Thursday 18 April 2024

I Deter Slugs

Sometimes, a conversation has the effect of a tin opener - one of those old-style ones which involves puncturing the can with a sharp blade, running it round the lid without the assistance of wheels or cogs. This type of opener leaves ragged edges, and a sense of jeopardy. I wonder if that is how my Longest-Serving Friend's courgette plants felt after being eaten by slugs overnight last Thursday - it certainly left her feeling ragged, so as I was going to stay for the weekend, I took wine and flowers.

These thoughts - the being opened up by a conversation and the destructive potential of slugs - came together as I planted baby broad bean plants on my allotment this morning. They are not directly comparable situations, and yet something about that conversation came back to me as I thought about holes, and how to protect the broad bean plants from slugs. 

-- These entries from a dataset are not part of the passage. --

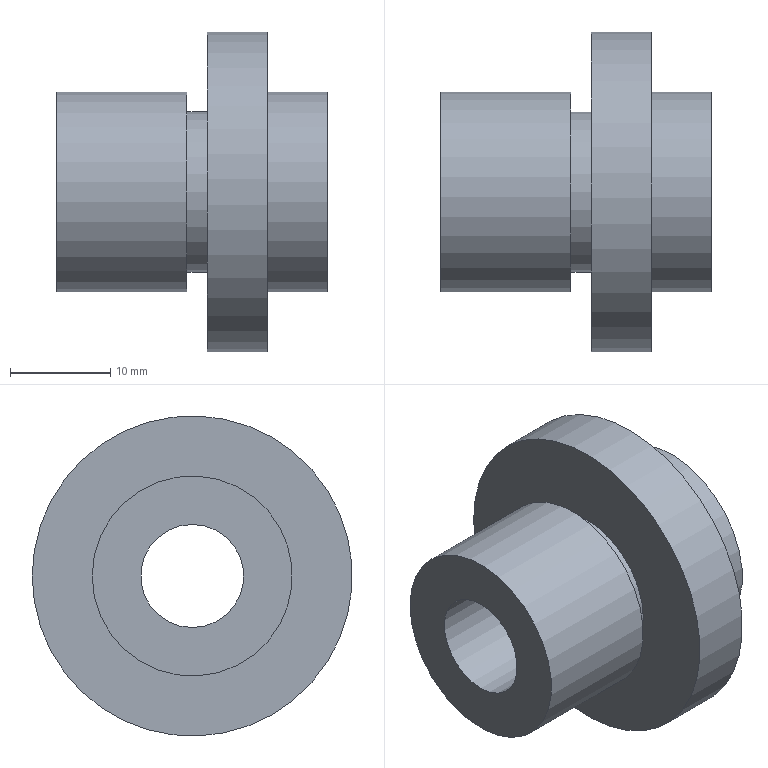Component | NX | VALVE_CAP | 1 solid | 12 faces | box 27 x 32 x 32 mm | volume 8798 mm3 | cylinder 6 | plane 6 | commonest cylinder face diameters 20 x2 32 x1 10.3 x1 16 x1 12 x1
STEP:
#1=CARTESIAN_POINT('',(0.,0.,0.));
#2=DIRECTION('',(0.,0.,1.));
#3=DIRECTION('',(1.,0.,0.));
#4=AXIS2_PLACEMENT_3D('',#1,#2,#3);
#5=CARTESIAN_POINT('',(52.,10.,20.));
#6=VERTEX_POINT('',#5);
#7=CARTESIAN_POINT('',(52.,-0.,20.));
#8=DIRECTION('',(1.,0.,0.));
#9=DIRECTION('',(0.,1.,0.));
#10=AXIS2_PLACEMENT_3D('',#7,#8,#9);
#11=CIRCLE('',#10,10.);
#12=CARTESIAN_POINT('',(67.,-0.,20.));
#13=DIRECTION('',(-1.,0.,0.));
#14=DIRECTION('',(0.,0.,1.));
#15=AXIS2_PLACEMENT_3D('',#12,#13,#14);
#16=CYLINDRICAL_SURFACE('',#15,10.);
#17=CARTESIAN_POINT('',(7.854,15.));
#18=DIRECTION('',(-1.,0.));
#19=VECTOR('',#18,1.);
#20=LINE('',#17,#19);
#21=(GEOMETRIC_REPRESENTATION_CONTEXT(2)PARAMETRIC_REPRESENTATION_CONTEXT()REPRESENTATION_CONTEXT('',''));
#22=DEFINITIONAL_REPRESENTATION('',(#20),#21);
#23=PCURVE('',#16,#22);
#24=CARTESIAN_POINT('',(52.,-0.,20.));
#25=DIRECTION('',(1.,0.,0.));
#26=DIRECTION('',(0.,0.,-1.));
#27=AXIS2_PLACEMENT_3D('',#24,#25,#26);
#28=PLANE('',#27);
#29=CARTESIAN_POINT('',(0.,0.));
#30=DIRECTION('',(0.,1.));
#31=AXIS2_PLACEMENT_2D('',#29,#30);
#32=CIRCLE('',#31,10.);
#33=(GEOMETRIC_REPRESENTATION_CONTEXT(2)PARAMETRIC_REPRESENTATION_CONTEXT()REPRESENTATION_CONTEXT('',''));
#34=DEFINITIONAL_REPRESENTATION('',(#32),#33);
#35=PCURVE('',#28,#34);
#36=SURFACE_CURVE('',#11,(#23,#35),.PCURVE_S1.);
#37=EDGE_CURVE('',#6,#6,#36,.T.);
#38=ORIENTED_EDGE('',*,*,#37,.T.);
#39=CARTESIAN_POINT('',(65.,10.,20.));
#40=VERTEX_POINT('',#39);
#41=CARTESIAN_POINT('',(65.,10.,20.));
#42=CARTESIAN_POINT('',(52.,10.,20.));
#43=B_SPLINE_CURVE_WITH_KNOTS('',1,(#41,#42),.UNSPECIFIED.,.F.,.F.,(2,2),(2.,15.),.PIECEWISE_BEZIER_KNOTS.);
#44=CARTESIAN_POINT('',(1.571,0.));
#45=DIRECTION('',(0.,1.));
#46=VECTOR('',#45,1.);
#47=LINE('',#44,#46);
#48=(GEOMETRIC_REPRESENTATION_CONTEXT(2)PARAMETRIC_REPRESENTATION_CONTEXT()REPRESENTATION_CONTEXT('',''));
#49=DEFINITIONAL_REPRESENTATION('',(#47),#48);
#50=PCURVE('',#16,#49);
#51=CARTESIAN_POINT('',(7.854,0.));
#52=DIRECTION('',(0.,1.));
#53=VECTOR('',#52,1.);
#54=LINE('',#51,#53);
#55=(GEOMETRIC_REPRESENTATION_CONTEXT(2)PARAMETRIC_REPRESENTATION_CONTEXT()REPRESENTATION_CONTEXT('',''));
#56=DEFINITIONAL_REPRESENTATION('',(#54),#55);
#57=PCURVE('',#16,#56);
#58=SEAM_CURVE('',#43,(#50,#57),.PCURVE_S1.);
#59=EDGE_CURVE('',#40,#6,#58,.T.);
#60=ORIENTED_EDGE('',*,*,#59,.F.);
#61=CARTESIAN_POINT('',(65.,-0.,20.));
#62=DIRECTION('',(1.,0.,0.));
#63=DIRECTION('',(0.,1.,0.));
#64=AXIS2_PLACEMENT_3D('',#61,#62,#63);
#65=CIRCLE('',#64,10.);
#66=CARTESIAN_POINT('',(7.854,2.));
#67=DIRECTION('',(-1.,0.));
#68=VECTOR('',#67,1.);
#69=LINE('',#66,#68);
#70=(GEOMETRIC_REPRESENTATION_CONTEXT(2)PARAMETRIC_REPRESENTATION_CONTEXT()REPRESENTATION_CONTEXT('',''));
#71=DEFINITIONAL_REPRESENTATION('',(#69),#70);
#72=PCURVE('',#16,#71);
#73=CARTESIAN_POINT('',(65.,-0.,20.));
#74=DIRECTION('',(-1.,0.,0.));
#75=DIRECTION('',(0.,0.,1.));
#76=AXIS2_PLACEMENT_3D('',#73,#74,#75);
#77=PLANE('',#76);
#78=CARTESIAN_POINT('',(0.,10.));
#79=CARTESIAN_POINT('',(17.321,10.));
#80=CARTESIAN_POINT('',(8.66,-5.));
#81=CARTESIAN_POINT('',(0.,-20.));
#82=CARTESIAN_POINT('',(-8.66,-5.));
#83=CARTESIAN_POINT('',(-17.321,10.));
#84=CARTESIAN_POINT('',(0.,10.));
#85=(BOUNDED_CURVE()B_SPLINE_CURVE(2,(#78,#79,#80,#81,#82,#83,#84),.UNSPECIFIED.,.T.,.F.)B_SPLINE_CURVE_WITH_KNOTS((1,2,2,2,2,1),(-2.094,0.,2.094,4.189,6.283,8.378),.UNSPECIFIED.)CURVE()GEOMETRIC_REPRESENTATION_ITEM()RATIONAL_B_SPLINE_CURVE((1.,0.5,1.,0.5,1.,0.5,1.))REPRESENTATION_ITEM(''));
#86=(GEOMETRIC_REPRESENTATION_CONTEXT(2)PARAMETRIC_REPRESENTATION_CONTEXT()REPRESENTATION_CONTEXT('',''));
#87=DEFINITIONAL_REPRESENTATION('',(#85),#86);
#88=PCURVE('',#77,#87);
#89=SURFACE_CURVE('',#65,(#72,#88),.PCURVE_S1.);
#90=EDGE_CURVE('',#40,#40,#89,.T.);
#91=ORIENTED_EDGE('',*,*,#90,.F.);
#92=ORIENTED_EDGE('',*,*,#59,.T.);
#93=EDGE_LOOP('',(#38,#60,#91,#92));
#94=FACE_BOUND('',#93,.T.);
#95=ADVANCED_FACE('',(#94),#16,.T.);
#96=CARTESIAN_POINT('',(52.,-0.,14.85));
#97=VERTEX_POINT('',#96);
#98=CARTESIAN_POINT('',(52.,-0.,25.15));
#99=VERTEX_POINT('',#98);
#100=CARTESIAN_POINT('',(52.,-0.,20.));
#101=DIRECTION('',(1.,0.,0.));
#102=DIRECTION('',(0.,0.,-1.));
#103=AXIS2_PLACEMENT_3D('',#100,#101,#102);
#104=CIRCLE('',#103,5.15);
#105=CARTESIAN_POINT('',(0.,0.));
#106=DIRECTION('',(1.,0.));
#107=AXIS2_PLACEMENT_2D('',#105,#106);
#108=CIRCLE('',#107,5.15);
#109=(GEOMETRIC_REPRESENTATION_CONTEXT(2)PARAMETRIC_REPRESENTATION_CONTEXT()REPRESENTATION_CONTEXT('',''));
#110=DEFINITIONAL_REPRESENTATION('',(#108),#109);
#111=PCURVE('',#28,#110);
#112=CARTESIAN_POINT('',(79.,-0.,20.));
#113=DIRECTION('',(-1.,0.,0.));
#114=DIRECTION('',(0.,0.,1.));
#115=AXIS2_PLACEMENT_3D('',#112,#113,#114);
#116=CYLINDRICAL_SURFACE('',#115,5.15);
#117=CARTESIAN_POINT('',(3.142,27.));
#118=DIRECTION('',(-1.,0.));
#119=VECTOR('',#118,1.);
#120=LINE('',#117,#119);
#121=(GEOMETRIC_REPRESENTATION_CONTEXT(2)PARAMETRIC_REPRESENTATION_CONTEXT()REPRESENTATION_CONTEXT('',''));
#122=DEFINITIONAL_REPRESENTATION('',(#120),#121);
#123=PCURVE('',#116,#122);
#124=SURFACE_CURVE('',#104,(#111,#123),.PCURVE_S1.);
#125=EDGE_CURVE('',#97,#99,#124,.T.);
#126=ORIENTED_EDGE('',*,*,#125,.T.);
#127=CARTESIAN_POINT('',(52.,-0.,20.));
#128=DIRECTION('',(1.,0.,0.));
#129=DIRECTION('',(0.,0.,-1.));
#130=AXIS2_PLACEMENT_3D('',#127,#128,#129);
#131=CIRCLE('',#130,5.15);
#132=CARTESIAN_POINT('',(0.,0.));
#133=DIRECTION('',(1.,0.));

I don't know if it was the effect of either the wine or the flowers, but last weekend my Longest-Serving Friend found the motivation to try again with courgettes, and had the idea of cutting the bottoms out of flower pots to use as shields around the next lot of plants. We imagined the slugs trying to gain purchase, perhaps hurling themselves at the plants, but slipping down the plastic sloping pot sides. Ha!

The conversation I had, the one that's making me think of tin openers, happened ages ago, but it's stuck with me as a painful unkindness. It was about the holes in me and how they are irreparable. In therapy, I learned to use the metaphor of woundedness about these holes, and also learned, with skilful help, how to take care of myself. 

Not wanting to use slug pellets to deter slugs (bad for birds, bad for hedgehogs) I followed my Longest-Serving Friend's example today and made collars out of plastic cups to shield the broad bean plants I've been growing from seed. I cut out the bases, and I made sure to leave a ragged edge. Something about doing this - about being outside on my allotment, pottering about in the sunshine, planting broad beans, and trying to protect them, helped me feel complete.